Miwok women gathered acorns in woven baskets carried on their backs, supported by a strap across the forehead. As with other groups, such as the Pomo, acorn gathering was an important communal activity, and traditional knowledge of how to collect and process acorns was passed down through generations. But gathering was only part of the work – acorns needed to be processed to become edible. First, they were shelled, then the kernels were ground into flour and the tannins were leached out using water. The flour was used to make foods such as porridge, bread, and soups.

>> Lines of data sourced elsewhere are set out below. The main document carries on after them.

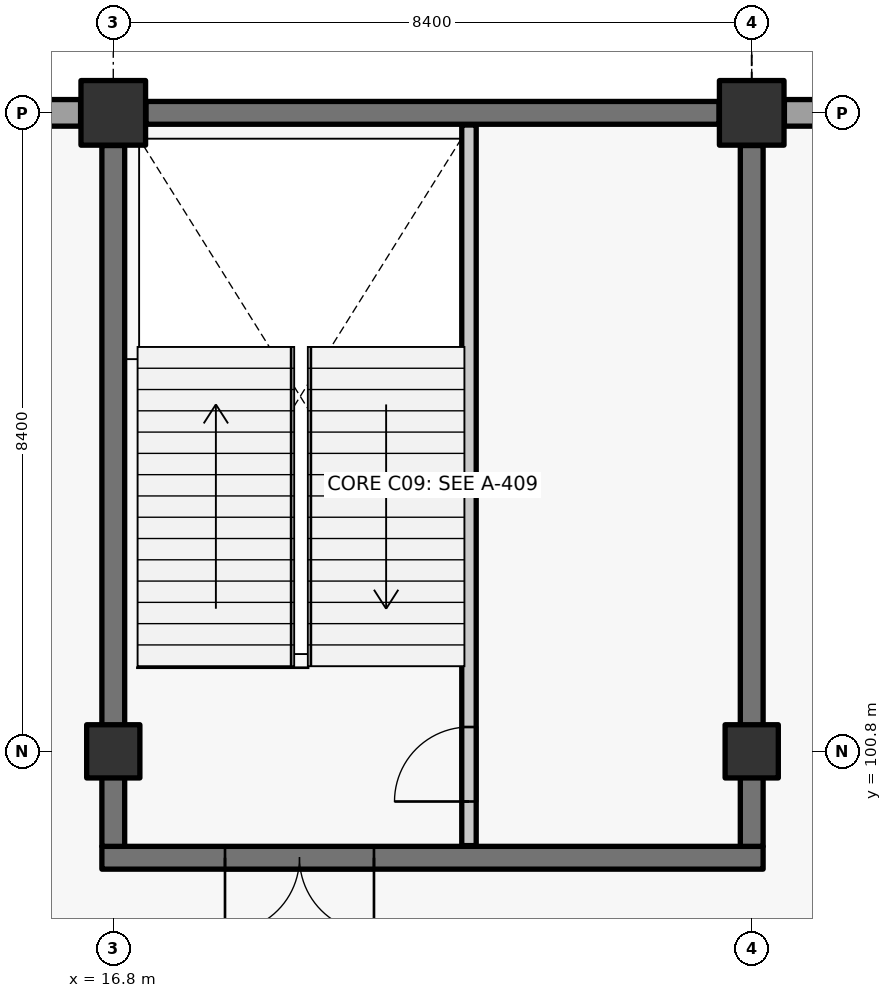
"""IFC4 building model, lengths in metres.
Left out: names, types, materials, properties, quantities, classifications, styles, units other than length and angle.
Written with IfcOpenShell. Run it as: python <this file> out.ifc"""

import sys

from ifc_helpers import new_model, si_unit, direction, frame, frame_2d, origin, origin_2d, place, context, subcontext, project, spatial, rectangle, extrude, element, fill, save


model = new_model("IFC4")
c1 = context("Model", 3, precision=1e-05, world=origin(), true_north=direction((0.0, 1.0)))
c2 = subcontext(c1, "Body", "Model", "MODEL_VIEW")
j1 = project(units=[si_unit("LENGTHUNIT", "METRE"), si_unit("PLANEANGLEUNIT", "RADIAN")], contexts=[c1])
p1 = place(None, origin())
s1 = spatial("IfcSite", under=j1, at=p1, CompositionType="ELEMENT")
p2 = place(p1, origin())
s2 = spatial("IfcBuilding", under=s1, at=p2, CompositionType="ELEMENT")
p3 = place(p2, frame((0.0, 0.0, 6.0)))
s3 = spatial("IfcBuildingStorey", under=s2, at=p3, CompositionType="ELEMENT", Elevation=6.0)
p4 = place(p3, frame((16.8, 100.8, 0.0), z_axis=(0.0, 0.0, 1.0), x_axis=(1.0, 0.0, 0.0)))
e1 = element("IfcColumn", 1, at=p4, inside=s3, PredefinedType="COLUMN", context=c2, shape_type="SweptSolid", body=[
    extrude(rectangle(XDim=0.7, YDim=0.7, at=origin_2d()), origin(), (0.0, 0.0, 1.0), 5.4),
])
p5 = place(p3, frame((16.8, 109.2, 0.0), z_axis=(0.0, 0.0, 1.0), x_axis=(1.0, 0.0, 0.0)))
e2 = element("IfcColumn", 2, at=p5, inside=s3, PredefinedType="COLUMN", context=c2, shape_type="SweptSolid", body=[
    extrude(rectangle(XDim=0.85, YDim=0.85, at=origin_2d()), origin(), (0.0, 0.0, 1.0), 5.4),
])
p6 = place(p3, frame((25.2, 100.8, 0.0), z_axis=(0.0, 0.0, 1.0), x_axis=(1.0, 0.0, 0.0)))
e3 = element("IfcColumn", 3, at=p6, inside=s3, PredefinedType="COLUMN", context=c2, shape_type="SweptSolid", body=[
    extrude(rectangle(XDim=0.7, YDim=0.7, at=origin_2d()), origin(), (0.0, 0.0, 1.0), 5.4),
])
p7 = place(p3, frame((25.2, 109.2, 0.0), z_axis=(0.0, 0.0, 1.0), x_axis=(1.0, 0.0, 0.0)))
e4 = element("IfcColumn", 4, at=p7, inside=s3, PredefinedType="COLUMN", context=c2, shape_type="SweptSolid", body=[
    extrude(rectangle(XDim=0.85, YDim=0.85, at=origin_2d()), origin(), (0.0, 0.0, 1.0), 5.4),
])
p8 = place(p3, frame((8.83, 109.2, 0.0), z_axis=(0.0, 0.0, 1.0), x_axis=(1.0, 0.0, 0.0)))
e5 = element("IfcWall", 5, at=p8, inside=s3, PredefinedType="SOLIDWALL", context=c2, shape_type="SweptSolid", body=[
    extrude(rectangle(XDim=7.54, YDim=0.35, at=frame_2d((3.77, 0.0))), origin(), (0.0, 0.0, 1.0), 4.64),
])
p9 = place(p8, frame((1.97, 0.0, 1.4)))
e6 = element("IfcOpeningElement", 6, at=p9, cuts=e5, PredefinedType="OPENING", context=c2, shape_type="SweptSolid", body=[
    extrude(rectangle(XDim=3.6, YDim=1.35, at=frame_2d((1.8, 0.675))), frame((0.0, 0.185, 0.0), z_axis=(0.0, -1.0, 0.0), x_axis=(1.0, 0.0, 0.0)), (0.0, 0.0, 1.0), 0.37),
])
p10 = place(p3, frame((25.63, 109.2, 0.0), z_axis=(0.0, 0.0, 1.0), x_axis=(1.0, 0.0, 0.0)))
e7 = element("IfcWall", 7, at=p10, inside=s3, PredefinedType="SOLIDWALL", context=c2, shape_type="SweptSolid", body=[
    extrude(rectangle(XDim=7.54, YDim=0.35, at=frame_2d((3.77, 0.0))), origin(), (0.0, 0.0, 1.0), 4.64),
])
p11 = place(p10, frame((1.97, 0.0, 1.4)))
e8 = element("IfcOpeningElement", 8, at=p11, cuts=e7, PredefinedType="OPENING", context=c2, shape_type="SweptSolid", body=[
    extrude(rectangle(XDim=3.6, YDim=1.35, at=frame_2d((1.8, 0.675))), frame((0.0, 0.185, 0.0), z_axis=(0.0, -1.0, 0.0), x_axis=(1.0, 0.0, 0.0)), (0.0, 0.0, 1.0), 0.37),
])
p12 = place(p3, frame((25.35, 99.4, 0.0), z_axis=(0.0, 0.0, 1.0), x_axis=(-1.0, 0.0, 0.0)))
e9 = element("IfcWall", 9, at=p12, inside=s3, PredefinedType="SHEAR", context=c2, shape_type="SweptSolid", body=[
    extrude(rectangle(XDim=8.7, YDim=0.3, at=frame_2d((4.35, 0.0))), origin(), (0.0, 0.0, 1.0), 5.12),
])
p13 = place(p12, frame((5.12, 0.0, 0.0)))
e10 = element("IfcOpeningElement", 10, at=p13, cuts=e9, PredefinedType="OPENING", context=c2, shape_type="SweptSolid", body=[
    extrude(rectangle(XDim=1.96, YDim=2.2, at=frame_2d((0.98, 1.1))), frame((0.0, 0.16, 0.0), z_axis=(0.0, -1.0, 0.0), x_axis=(1.0, 0.0, 0.0)), (0.0, 0.0, 1.0), 0.32),
])
p14 = place(p3, frame((16.8, 99.55, 0.0), z_axis=(0.0, 0.0, 1.0), x_axis=(0.0, 1.0, 0.0)))
e11 = element("IfcWall", 11, at=p14, inside=s3, PredefinedType="SHEAR", context=c2, shape_type="SweptSolid", body=[
    extrude(rectangle(XDim=9.22, YDim=0.3, at=frame_2d((4.61, 0.0))), origin(), (0.0, 0.0, 1.0), 5.12),
])
p15 = place(p3, frame((17.23, 109.2, 0.0), z_axis=(0.0, 0.0, 1.0), x_axis=(1.0, 0.0, 0.0)))
e12 = element("IfcWall", 12, at=p15, inside=s3, PredefinedType="SHEAR", context=c2, shape_type="SweptSolid", body=[
    extrude(rectangle(XDim=7.54, YDim=0.3, at=frame_2d((3.77, 0.0))), origin(), (0.0, 0.0, 1.0), 5.12),
])
p16 = place(p3, frame((25.2, 108.77, 0.0), z_axis=(0.0, 0.0, 1.0), x_axis=(0.0, -1.0, 0.0)))
e13 = element("IfcWall", 13, at=p16, inside=s3, PredefinedType="SHEAR", context=c2, shape_type="SweptSolid", body=[
    extrude(rectangle(XDim=9.22, YDim=0.3, at=frame_2d((4.61, 0.0))), origin(), (0.0, 0.0, 1.0), 5.12),
])
p17 = place(p3, frame((21.48, 99.56, 0.0), z_axis=(0.0, 0.0, 1.0), x_axis=(0.0, 1.0, 0.0)))
e14 = element("IfcWall", 14, at=p17, inside=s3, PredefinedType="SOLIDWALL", context=c2, shape_type="SweptSolid", body=[
    extrude(rectangle(XDim=9.48, YDim=0.19, at=frame_2d((4.74, 0.0))), origin(), (0.0, 0.0, 1.0), 5.12),
])
p18 = place(p17, frame((0.58, 0.0, 0.0)))
e15 = element("IfcOpeningElement", 15, at=p18, cuts=e14, PredefinedType="OPENING", context=c2, shape_type="SweptSolid", body=[
    extrude(rectangle(XDim=0.98, YDim=2.15, at=frame_2d((0.49, 1.075))), frame((0.0, 0.105, 0.0), z_axis=(0.0, -1.0, 0.0), x_axis=(1.0, 0.0, 0.0)), (0.0, 0.0, 1.0), 0.21),
])
p19 = place(p18, origin())
e16 = element("IfcDoor", 16, at=p19, inside=s3, OperationType="SINGLE_SWING_LEFT", PredefinedType="DOOR", context=c2, shape_type="SweptSolid", body=[
    extrude(rectangle(XDim=0.98, YDim=2.15, at=frame_2d((0.49, 1.075))), frame((0.0, 0.025, 0.0), z_axis=(0.0, -1.0, 0.0), x_axis=(1.0, 0.0, 0.0)), (0.0, 0.0, 1.0), 0.05),
])
fill(e15, e16)
p20 = place(p13, origin())
e17 = element("IfcDoor", 17, at=p20, inside=s3, OperationType="DOUBLE_DOOR_SINGLE_SWING", PredefinedType="DOOR", context=c2, shape_type="SweptSolid", body=[
    extrude(rectangle(XDim=1.96, YDim=2.2, at=frame_2d((0.98, 1.1))), frame((0.0, 0.025, 0.0), z_axis=(0.0, -1.0, 0.0), x_axis=(1.0, 0.0, 0.0)), (0.0, 0.0, 1.0), 0.05),
])
fill(e10, e17)
save(model, sys.argv[1])

To grind acorns, the Miwok used their characteristic grinding rocks – large stone slabs with bowl-shaped depressions, well suited for processing the hard kernels. With these stone mortars, they could produce substantial amounts of flour in a relatively short time. One such site is known today as Indian Grinding Rock State Historic Park, where the mortar holes are still visible in the bedrock, bearing witness to the important role acorns played in Miwok society.

Acorns were not only food, but also a cultural anchor that connected communities and traditions. Oaks – both as a source of nourishment and as a foundation for shared activities – have always been central to Miwok lifeways.

For coastal peoples such as the Hupa and Yurok, acorns were also a staple food. They ground them into flour to make porridge, bread, biscuits, and cakes, and also roasted them for direct consumption. Oaks and their acorns formed an indispensable part of life for many of these communities, and the knowledge and techniques developed to process them remain an important part of their culture and survival.

Acorns have thus been far more than just food – they have been a living symbol of history, knowledge, and the ability to adapt to and care for the surrounding landscape, generation after generation.


The decline and rediscovery of acorns as food

With the rise of agriculture, acorns gradually lost their place in many people’s diets, but they never disappeared entirely. In recent years, acorns have experienced a renewed interest – not only as a historical curiosity, but also as a nutritious and sustainable food source. This renewed appreciation is partly driven by a desire to reconnect with traditional foods and to find natural alternatives to modern diets.

Acorns align well with contemporary trends such as foraging, eating locally, and following gluten-free diets. The story of acorns as food is an inspiring account of human adaptability and ingenuity over time. From the earliest traces in the Hula Valley to today’s culinary experimentation, acorns have nourished generations and connect us to our past. Their continued presence in cultures around the world highlights how important they have been – and still are: a resource that has supported survival and shaped cultures.